# Shade Plants



## Aeropars (Apr 20, 2006)

Hello All,

I'm slightly confused about the true meaning of a shade plant and what we should do with them. I'm refering to things like Anubias and some Crypts ect.

Am I right in thinking that a shade plant is a plant that will grow well in low lighting or shaded areas of the tank? Or does it mean the plant MUST be located in shade otherwise it may be detrimental to the plant?

How do you go about creating shadded areas in a tank? 

Any help areciated.


----------



## AaronT (Apr 26, 2004)

Aeropars said:


> Am I right in thinking that a shade plant is a plant that will grow well in low lighting or shaded areas of the tank?
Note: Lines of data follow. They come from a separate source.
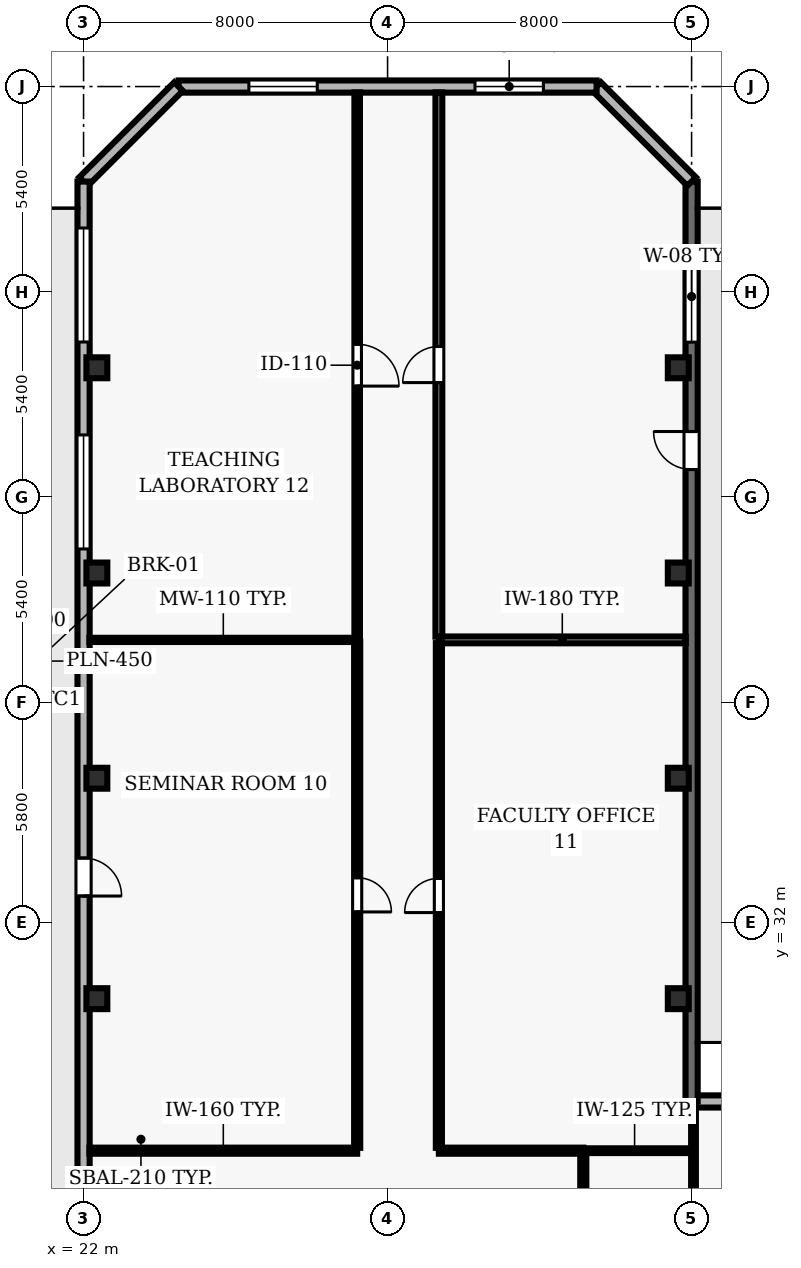
"""IFC4 building model, lengths in metres.
Left out: names, types, materials, properties, quantities, classifications, styles, units other than length and angle.
Written with IfcOpenShell. Run it as: python <this file> out.ifc"""

import sys

from ifc_helpers import new_model, si_unit, direction, frame, frame_2d, origin, origin_2d, place, context, subcontext, project, spatial, rectangle, hollow_rectangle, extrude, element, fill, save


model = new_model("IFC4")
c1 = context("Model", 3, precision=1e-05, world=origin(), true_north=direction((0.0, 1.0)))
c2 = subcontext(c1, "Body", "Model", "MODEL_VIEW")
j1 = project(units=[si_unit("LENGTHUNIT", "METRE"), si_unit("PLANEANGLEUNIT", "RADIAN")], contexts=[c1])
p1 = place(None, origin())
s1 = spatial("IfcSite", under=j1, at=p1, CompositionType="ELEMENT")
p2 = place(p1, origin())
s2 = spatial("IfcBuilding", under=s1, at=p2, CompositionType="ELEMENT")
p3 = place(p2, frame((0.0, 0.0, 50.5)))
s3 = spatial("IfcBuildingStorey", under=s2, at=p3, CompositionType="ELEMENT", Elevation=50.5)
for number, where, z_axis, x_axis in (
    (1, (22.35, 30.0, 0.0), (0.0, 0.0, 1.0), (1.0, 0.0, 0.0)),
    (2, (37.65, 30.0, 0.0), (0.0, 0.0, 1.0), (1.0, 0.0, 0.0)),
    (3, (22.35, 35.8, 0.0), (0.0, 0.0, 1.0), (1.0, 0.0, 0.0)),
    (4, (37.65, 35.8, 0.0), (0.0, 0.0, 1.0), (1.0, 0.0, 0.0)),
    (5, (22.35, 41.2, 0.0), (0.0, 0.0, 1.0), (1.0, 0.0, 0.0)),
    (6, (37.65, 41.2, 0.0), (0.0, 0.0, 1.0), (1.0, 0.0, 0.0)),
    (7, (22.35, 46.6, 0.0), (0.0, 0.0, 1.0), (1.0, 0.0, 0.0)),
    (8, (37.65, 46.6, 0.0), (0.0, 0.0, 1.0), (1.0, 0.0, 0.0)),
):
    element("IfcColumn", number, at=place(p3, frame(where, z_axis=z_axis, x_axis=x_axis)), inside=s3, PredefinedType="COLUMN", context=c2, shape_type="SweptSolid", body=[
        extrude(hollow_rectangle(XDim=0.55, YDim=0.55, WallThickness=0.025, at=origin_2d()), origin(), (0.0, 0.0, 1.0), 3.9),
    ])
p4 = place(p3, frame((51.4, 27.295, 0.0), z_axis=(0.0, 0.0, 1.0), x_axis=(-1.0, 0.0, 0.0)))
e9 = element("IfcWall", 9, at=p4, inside=s3, PredefinedType="SOLIDWALL", context=c2, shape_type="SweptSolid", body=[
    extrude(rectangle(XDim=13.4, YDim=0.32, at=frame_2d((6.7, 0.0))), origin(), (0.0, 0.0, 1.0), 3.69),
])
p5 = place(p4, frame((2.45, 0.0, 0.9)))
e10 = element("IfcOpeningElement", 10, at=p5, cuts=e9, PredefinedType="OPENING", context=c2, shape_type="SweptSolid", body=[
    extrude(rectangle(XDim=1.8, YDim=1.8, at=frame_2d((0.9, 0.9))), frame((0.0, 0.17, 0.0), z_axis=(0.0, -1.0, 0.0), x_axis=(1.0, 0.0, 0.0)), (0.0, 0.0, 1.0), 0.34),
])
p6 = place(p4, frame((9.15, 0.0, 0.9)))
e11 = element("IfcOpeningElement", 11, at=p6, cuts=e9, PredefinedType="OPENING", context=c2, shape_type="SweptSolid", body=[
    extrude(rectangle(XDim=1.8, YDim=1.8, at=frame_2d((0.9, 0.9))), frame((0.0, 0.17, 0.0), z_axis=(0.0, -1.0, 0.0), x_axis=(1.0, 0.0, 0.0)), (0.0, 0.0, 1.0), 0.34),
])
p7 = place(p3, frame((38.0, 27.295, 0.0), z_axis=(0.0, 0.0, 1.0), x_axis=(0.0, 1.0, 0.0)))
e12 = element("IfcWall", 12, at=p7, inside=s3, PredefinedType="SOLIDWALL", context=c2, shape_type="SweptSolid", body=[
    extrude(rectangle(XDim=24.205, YDim=0.32, at=frame_2d((12.103, 0.0))), origin(), (0.0, 0.0, 1.0), 3.69),
])
p8 = place(p7, frame((16.628, 0.0, 0.0)))
e13 = element("IfcOpeningElement", 13, at=p8, cuts=e12, PredefinedType="OPENING", context=c2, shape_type="SweptSolid", body=[
    extrude(rectangle(XDim=1.0, YDim=2.2, at=frame_2d((0.5, 1.1))), frame((0.0, 0.17, 0.0), z_axis=(0.0, -1.0, 0.0), x_axis=(1.0, 0.0, 0.0)), (0.0, 0.0, 1.0), 0.34),
])
p9 = place(p7, frame((19.979, 0.0, 0.9)))
e14 = element("IfcOpeningElement", 14, at=p9, cuts=e12, PredefinedType="OPENING", context=c2, shape_type="SweptSolid", body=[
    extrude(rectangle(XDim=2.4, YDim=1.8, at=frame_2d((1.2, 0.9))), frame((0.0, 0.17, 0.0), z_axis=(0.0, -1.0, 0.0), x_axis=(1.0, 0.0, 0.0)), (0.0, 0.0, 1.0), 0.34),
])
p10 = place(p3, frame((38.0, 51.5, 0.0), z_axis=(0.0, 0.0, 1.0), x_axis=(-0.707106781187, 0.707106781187, 0.0)))
e15 = element("IfcWall", 15, at=p10, inside=s3, PredefinedType="SOLIDWALL", context=c2, shape_type="SweptSolid", body=[
    extrude(rectangle(XDim=3.536, YDim=0.32, at=frame_2d((1.768, 0.0))), origin(), (0.0, 0.0, 1.0), 3.69),
])
p11 = place(p3, frame((35.5, 54.0, 0.0), z_axis=(0.0, 0.0, 1.0), x_axis=(-1.0, 0.0, 0.0)))
e16 = element("IfcWall", 16, at=p11, inside=s3, PredefinedType="SOLIDWALL", context=c2, shape_type="SweptSolid", body=[
    extrude(rectangle(XDim=11.0, YDim=0.32, at=frame_2d((5.5, 0.0))), origin(), (0.0, 0.0, 1.0), 3.69),
])
p12 = place(p11, frame((1.4, 0.0, 0.9)))
e17 = element("IfcOpeningElement", 17, at=p12, cuts=e16, PredefinedType="OPENING", context=c2, shape_type="SweptSolid", body=[
    extrude(rectangle(XDim=1.8, YDim=2.2, at=frame_2d((0.9, 1.1))), frame((0.0, 0.17, 0.0), z_axis=(0.0, -1.0, 0.0), x_axis=(1.0, 0.0, 0.0)), (0.0, 0.0, 1.0), 0.34),
])
p13 = place(p11, frame((7.35, 0.0, 0.9)))
e18 = element("IfcOpeningElement", 18, at=p13, cuts=e16, PredefinedType="OPENING", context=c2, shape_type="SweptSolid", body=[
    extrude(rectangle(XDim=1.8, YDim=2.2, at=frame_2d((0.9, 1.1))), frame((0.0, 0.17, 0.0), z_axis=(0.0, -1.0, 0.0), x_axis=(1.0, 0.0, 0.0)), (0.0, 0.0, 1.0), 0.34),
])
p14 = place(p3, frame((24.5, 54.0, 0.0), z_axis=(0.0, 0.0, 1.0), x_axis=(-0.707106781187, -0.707106781187, 0.0)))
e19 = element("IfcWall", 19, at=p14, inside=s3, PredefinedType="SOLIDWALL", context=c2, shape_type="SweptSolid", body=[
    extrude(rectangle(XDim=3.536, YDim=0.32, at=frame_2d((1.768, 0.0))), origin(), (0.0, 0.0, 1.0), 3.69),
])
p15 = place(p3, frame((22.0, 51.5, 0.0), z_axis=(0.0, 0.0, 1.0), x_axis=(0.0, -1.0, 0.0)))
e20 = element("IfcWall", 20, at=p15, inside=s3, PredefinedType="SOLIDWALL", context=c2, shape_type="SweptSolid", body=[
    extrude(rectangle(XDim=49.0, YDim=0.32, at=frame_2d((24.5, 0.0))), origin(), (0.0, 0.0, 1.0), 3.69),
])
p16 = place(p15, frame((17.8, 0.0, 0.0)))
e21 = element("IfcOpeningElement", 21, at=p16, cuts=e20, PredefinedType="OPENING", context=c2, shape_type="SweptSolid", body=[
    extrude(rectangle(XDim=1.0, YDim=2.2, at=frame_2d((0.5, 1.1))), frame((0.0, 0.17, 0.0), z_axis=(0.0, -1.0, 0.0), x_axis=(1.0, 0.0, 0.0)), (0.0, 0.0, 1.0), 0.34),
])
p17 = place(p15, frame((1.222, 0.0, 0.9)))
e22 = element("IfcOpeningElement", 22, at=p17, cuts=e20, PredefinedType="OPENING", context=c2, shape_type="SweptSolid", body=[
    extrude(rectangle(XDim=3.0, YDim=2.2, at=frame_2d((1.5, 1.1))), frame((0.0, 0.17, 0.0), z_axis=(0.0, -1.0, 0.0), x_axis=(1.0, 0.0, 0.0)), (0.0, 0.0, 1.0), 0.34),
])
p18 = place(p15, frame((6.667, 0.0, 0.9)))
e23 = element("IfcOpeningElement", 23, at=p18, cuts=e20, PredefinedType="OPENING", context=c2, shape_type="SweptSolid", body=[
    extrude(rectangle(XDim=3.0, YDim=2.2, at=frame_2d((1.5, 1.1))), frame((0.0, 0.17, 0.0), z_axis=(0.0, -1.0, 0.0), x_axis=(1.0, 0.0, 0.0)), (0.0, 0.0, 1.0), 0.34),
])
p19 = place(p15, frame((39.333, 0.0, 0.9)))
e24 = element("IfcOpeningElement", 24, at=p19, cuts=e20, PredefinedType="OPENING", context=c2, shape_type="SweptSolid", body=[
    extrude(rectangle(XDim=3.0, YDim=2.2, at=frame_2d((1.5, 1.1))), frame((0.0, 0.17, 0.0), z_axis=(0.0, -1.0, 0.0), x_axis=(1.0, 0.0, 0.0)), (0.0, 0.0, 1.0), 0.34),
])
p20 = place(p3, frame((29.2, 26.0, 0.0), z_axis=(0.0, 0.0, 1.0), x_axis=(-1.0, 0.0, 0.0)))
e25 = element("IfcWall", 25, at=p20, inside=s3, PredefinedType="PARTITIONING", context=c2, shape_type="SweptSolid", body=[
    extrude(rectangle(XDim=7.045, YDim=0.16, at=frame_2d((3.522, 0.0))), origin(), (0.0, 0.0, 1.0), 3.69),
])
p21 = place(p3, frame((29.2, 39.44, 0.0), z_axis=(0.0, 0.0, 1.0), x_axis=(-1.0, 0.0, 0.0)))
e26 = element("IfcWall", 26, at=p21, inside=s3, PredefinedType="MOVABLE", context=c2, shape_type="SweptSolid", body=[
    extrude(rectangle(XDim=7.045, YDim=0.11, at=frame_2d((3.522, 0.0))), origin(), (0.0, 0.0, 1.0), 3.69),
])
p22 = place(p3, frame((35.15, 26.0, 0.0), z_axis=(0.0, 0.0, 1.0), x_axis=(-1.0, 0.0, 0.0)))
e27 = element("IfcWall", 27, at=p22, inside=s3, PredefinedType="PARTITIONING", context=c2, shape_type="SweptSolid", body=[
    extrude(rectangle(XDim=3.8, YDim=0.16, at=frame_2d((1.9, 0.0))), origin(), (0.0, 0.0, 1.0), 3.69),
])
p23 = place(p3, frame((35.15, 26.0, 0.0), z_axis=(0.0, 0.0, 1.0), x_axis=(1.0, 0.0, 0.0)))
e28 = element("IfcWall", 28, at=p23, inside=s3, PredefinedType="PARTITIONING", context=c2, shape_type="SweptSolid", body=[
    extrude(rectangle(XDim=2.7, YDim=0.125, at=frame_2d((1.35, 0.0))), origin(), (0.0, 0.0, 1.0), 3.69),
])
p24 = place(p3, frame((37.845, 39.44, 0.0), z_axis=(0.0, 0.0, 1.0), x_axis=(-1.0, 0.0, 0.0)))
e29 = element("IfcWall", 29, at=p24, inside=s3, PredefinedType="PARTITIONING", context=c2, shape_type="SweptSolid", body=[
    extrude(rectangle(XDim=6.495, YDim=0.18, at=frame_2d((3.248, 0.0))), origin(), (0.0, 0.0, 1.0), 3.69),
])
p25 = place(p3, frame((29.2, 39.39, 0.0), z_axis=(0.0, 0.0, 1.0), x_axis=(0.0, -1.0, 0.0)))
e30 = element("IfcWall", 30, at=p25, inside=s3, PredefinedType="PARTITIONING", context=c2, shape_type="SweptSolid", body=[
    extrude(rectangle(XDim=13.315, YDim=0.16, at=frame_2d((6.657, 0.0))), origin(), (0.0, 0.0, 1.0), 3.69),
])
p26 = place(p25, frame((6.208, 0.0, 0.0)))
e31 = element("IfcOpeningElement", 31, at=p26, cuts=e30, PredefinedType="OPENING", context=c2, shape_type="SweptSolid", body=[
    extrude(rectangle(XDim=0.9, YDim=2.1, at=frame_2d((0.45, 1.05))), frame((0.0, 0.09, 0.0), z_axis=(0.0, -1.0, 0.0), x_axis=(1.0, 0.0, 0.0)), (0.0, 0.0, 1.0), 0.18),
])
p27 = place(p3, frame((29.2, 53.845, 0.0), z_axis=(0.0, 0.0, 1.0), x_axis=(0.0, -1.0, 0.0)))
e32 = element("IfcWall", 32, at=p27, inside=s3, PredefinedType="PARTITIONING", context=c2, shape_type="SweptSolid", body=[
    extrude(rectangle(XDim=14.355, YDim=0.145, at=frame_2d((7.177, 0.0))), origin(), (0.0, 0.0, 1.0), 3.69),
])
p28 = place(p27, frame((6.627, 0.0, 0.0)))
e33 = element("IfcOpeningElement", 33, at=p28, cuts=e32, PredefinedType="OPENING", context=c2, shape_type="SweptSolid", body=[
    extrude(rectangle(XDim=1.1, YDim=2.15, at=frame_2d((0.55, 1.075))), frame((0.0, 0.083, 0.0), z_axis=(0.0, -1.0, 0.0), x_axis=(1.0, 0.0, 0.0)), (0.0, 0.0, 1.0), 0.165),
])
p29 = place(p3, frame((31.35, 26.075, 0.0), z_axis=(0.0, 0.0, 1.0), x_axis=(0.0, 1.0, 0.0)))
e34 = element("IfcWall", 34, at=p29, inside=s3, PredefinedType="PARTITIONING", context=c2, shape_type="SweptSolid", body=[
    extrude(rectangle(XDim=13.28, YDim=0.16, at=frame_2d((6.64, 0.0))), origin(), (0.0, 0.0, 1.0), 3.69),
])
p30 = place(p29, frame((6.19, 0.0, 0.0)))
e35 = element("IfcOpeningElement", 35, at=p30, cuts=e34, PredefinedType="OPENING", context=c2, shape_type="SweptSolid", body=[
    extrude(rectangle(XDim=0.9, YDim=2.1, at=frame_2d((0.45, 1.05))), frame((0.0, 0.09, 0.0), z_axis=(0.0, -1.0, 0.0), x_axis=(1.0, 0.0, 0.0)), (0.0, 0.0, 1.0), 0.18),
])
p31 = place(p3, frame((31.35, 39.525, 0.0), z_axis=(0.0, 0.0, 1.0), x_axis=(0.0, 1.0, 0.0)))
e36 = element("IfcWall", 36, at=p31, inside=s3, PredefinedType="PARTITIONING", context=c2, shape_type="SweptSolid", body=[
    extrude(rectangle(XDim=14.32, YDim=0.18, at=frame_2d((7.16, 0.0))), origin(), (0.0, 0.0, 1.0), 3.69),
])
p32 = place(p31, frame((6.685, 0.0, 0.0)))
e37 = element("IfcOpeningElement", 37, at=p32, cuts=e36, PredefinedType="OPENING", context=c2, shape_type="SweptSolid", body=[
    extrude(rectangle(XDim=0.95, YDim=2.1, at=frame_2d((0.475, 1.05))), frame((0.0, 0.1, 0.0), z_axis=(0.0, -1.0, 0.0), x_axis=(1.0, 0.0, 0.0)), (0.0, 0.0, 1.0), 0.2),
])
p33 = place(p3, frame((35.15, 24.07, 0.0), z_axis=(0.0, 0.0, 1.0), x_axis=(0.0, 1.0, 0.0)))
e38 = element("IfcWall", 38, at=p33, inside=s3, PredefinedType="PARTITIONING", context=c2, shape_type="SweptSolid", body=[
    extrude(rectangle(XDim=1.855, YDim=0.16, at=frame_2d((0.927, 0.0))), origin(), (0.0, 0.0, 1.0), 3.69),
])
p34 = place(p3, frame((38.05, 27.14, 0.0), z_axis=(0.0, 0.0, 1.0), x_axis=(0.0, -1.0, 0.0)))
e39 = element("IfcWall", 39, at=p34, inside=s3, PredefinedType="PARTITIONING", context=c2, shape_type="SweptSolid", body=[
    extrude(rectangle(XDim=3.09, YDim=0.125, at=frame_2d((1.545, 0.0))), origin(), (0.0, 0.0, 1.0), 3.055),
])
p35 = place(p8, origin())
e40 = element("IfcDoor", 40, at=p35, inside=s3, OperationType="SINGLE_SWING_RIGHT", PredefinedType="DOOR", context=c2, shape_type="SweptSolid", body=[
    extrude(rectangle(XDim=1.0, YDim=2.2, at=frame_2d((0.5, 1.1))), frame((0.0, 0.025, 0.0), z_axis=(0.0, -1.0, 0.0), x_axis=(1.0, 0.0, 0.0)), (0.0, 0.0, 1.0), 0.05),
])
fill(e13, e40)
p36 = place(p9, origin())
e41 = element("IfcWindow", 41, at=p36, inside=s3, PartitioningType="SINGLE_PANEL", PredefinedType="WINDOW", context=c2, shape_type="SweptSolid", body=[
    extrude(rectangle(XDim=2.4, YDim=1.8, at=frame_2d((1.2, 0.9))), frame((0.0, 0.03, 0.0), z_axis=(0.0, -1.0, 0.0), x_axis=(1.0, 0.0, 0.0)), (0.0, 0.0, 1.0), 0.06),
])
fill(e14, e41)
p37 = place(p12, origin())
e42 = element("IfcWindow", 42, at=p37, inside=s3, PartitioningType="SINGLE_PANEL", PredefinedType="WINDOW", context=c2, shape_type="SweptSolid", body=[
    extrude(rectangle(XDim=1.8, YDim=2.2, at=frame_2d((0.9, 1.1))), frame((0.0, 0.03, 0.0), z_axis=(0.0, -1.0, 0.0), x_axis=(1.0, 0.0, 0.0)), (0.0, 0.0, 1.0), 0.06),
])
fill(e17, e42)
p38 = place(p13, origin())
e43 = element("IfcWindow", 43, at=p38, inside=s3, PartitioningType="SINGLE_PANEL", PredefinedType="WINDOW", context=c2, shape_type="SweptSolid", body=[
    extrude(rectangle(XDim=1.8, YDim=2.2, at=frame_2d((0.9, 1.1))), frame((0.0, 0.03, 0.0), z_axis=(0.0, -1.0, 0.0), x_axis=(1.0, 0.0, 0.0)), (0.0, 0.0, 1.0), 0.06),
])
fill(e18, e43)
p39 = place(p16, origin())
e44 = element("IfcDoor", 44, at=p39, inside=s3, OperationType="SINGLE_SWING_RIGHT", PredefinedType="DOOR", context=c2, shape_type="SweptSolid", body=[
    extrude(rectangle(XDim=1.0, YDim=2.2, at=frame_2d((0.5, 1.1))), frame((0.0, 0.025, 0.0), z_axis=(0.0, -1.0, 0.0), x_axis=(1.0, 0.0, 0.0)), (0.0, 0.0, 1.0), 0.05),
])
fill(e21, e44)
p40 = place(p17, origin())
e45 = element("IfcWindow", 45, at=p40, inside=s3, PartitioningType="SINGLE_PANEL", PredefinedType="WINDOW", context=c2, shape_type="SweptSolid", body=[
    extrude(rectangle(XDim=3.0, YDim=2.2, at=frame_2d((1.5, 1.1))), frame((0.0, 0.03, 0.0), z_axis=(0.0, -1.0, 0.0), x_axis=(1.0, 0.0, 0.0)), (0.0, 0.0, 1.0), 0.06),
])
fill(e22, e45)
p41 = place(p18, origin())
e46 = element("IfcWindow", 46, at=p41, inside=s3, PartitioningType="SINGLE_PANEL", PredefinedType="WINDOW", context=c2, shape_type="SweptSolid", body=[
    extrude(rectangle(XDim=3.0, YDim=2.2, at=frame_2d((1.5, 1.1))), frame((0.0, 0.03, 0.0), z_axis=(0.0, -1.0, 0.0), x_axis=(1.0, 0.0, 0.0)), (0.0, 0.0, 1.0), 0.06),
])
fill(e23, e46)
p42 = place(p26, origin())
e47 = element("IfcDoor", 47, at=p42, inside=s3, OperationType="SINGLE_SWING_RIGHT", PredefinedType="DOOR", context=c2, shape_type="SweptSolid", body=[
    extrude(rectangle(XDim=0.9, YDim=2.1, at=frame_2d((0.45, 1.05))), frame((0.0, 0.025, 0.0), z_axis=(0.0, -1.0, 0.0), x_axis=(1.0, 0.0, 0.0)), (0.0, 0.0, 1.0), 0.05),
])
fill(e31, e47)
p43 = place(p30, origin())
e48 = element("IfcDoor", 48, at=p43, inside=s3, OperationType="SINGLE_SWING_LEFT", PredefinedType="DOOR", context=c2, shape_type="SweptSolid", body=[
    extrude(rectangle(XDim=0.9, YDim=2.1, at=frame_2d((0.45, 1.05))), frame((0.0, 0.025, 0.0), z_axis=(0.0, -1.0, 0.0), x_axis=(1.0, 0.0, 0.0)), (0.0, 0.0, 1.0), 0.05),
])
fill(e35, e48)
p44 = place(p28, origin())
e49 = element("IfcDoor", 49, at=p44, inside=s3, OperationType="SINGLE_SWING_RIGHT", PredefinedType="DOOR", context=c2, shape_type="SweptSolid", body=[
    extrude(rectangle(XDim=1.1, YDim=2.15, at=frame_2d((0.55, 1.075))), frame((0.0, 0.025, 0.0), z_axis=(0.0, -1.0, 0.0), x_axis=(1.0, 0.0, 0.0)), (0.0, 0.0, 1.0), 0.05),
])
fill(e33, e49)
p45 = place(p32, origin())
e50 = element("IfcDoor", 50, at=p45, inside=s3, OperationType="SINGLE_SWING_LEFT", PredefinedType="DOOR", context=c2, shape_type="SweptSolid", body=[
    extrude(rectangle(XDim=0.95, YDim=2.1, at=frame_2d((0.475, 1.05))), frame((0.0, 0.025, 0.0), z_axis=(0.0, -1.0, 0.0), x_axis=(1.0, 0.0, 0.0)), (0.0, 0.0, 1.0), 0.05),
])
fill(e37, e50)
save(model, sys.argv[1])

That is all that it means. They do not require shade like some terrestrial plants.


----------



## Blue_Dolphinvn (Nov 12, 2006)

The shade plant always grows very low, if you plant them in too much lighting area, algae will appear on their leaf then destroy them....in this list we have also some kinds of moss, echinodorus....


----------



## HeyPK (Jan 23, 2004)

Rather than call them shade plants, I would prefer to call them low light plants. Crypts, Anubias, and Microsorum fit in this category. These plants tolerate low light better than others. They can be grown in higher light but they must be given CO2 in order to do well in higher light. If grown with low light in a low tech tank without CO2 additions, they do well on the CO2 levels provided by the fish. If grown in a low tech tank with moderate to high light, and, if there are also high light plants, such as Vallisneria, Najas, Eigeria, Ceratophyllum, etc. present, they will fail miserably because they lose out in competition for CO2. They can die out completely if subjected to this kind of CO2 competition. One day you will peer through the forest of Vallisneria, or other high light plant, and not find them any more.


----------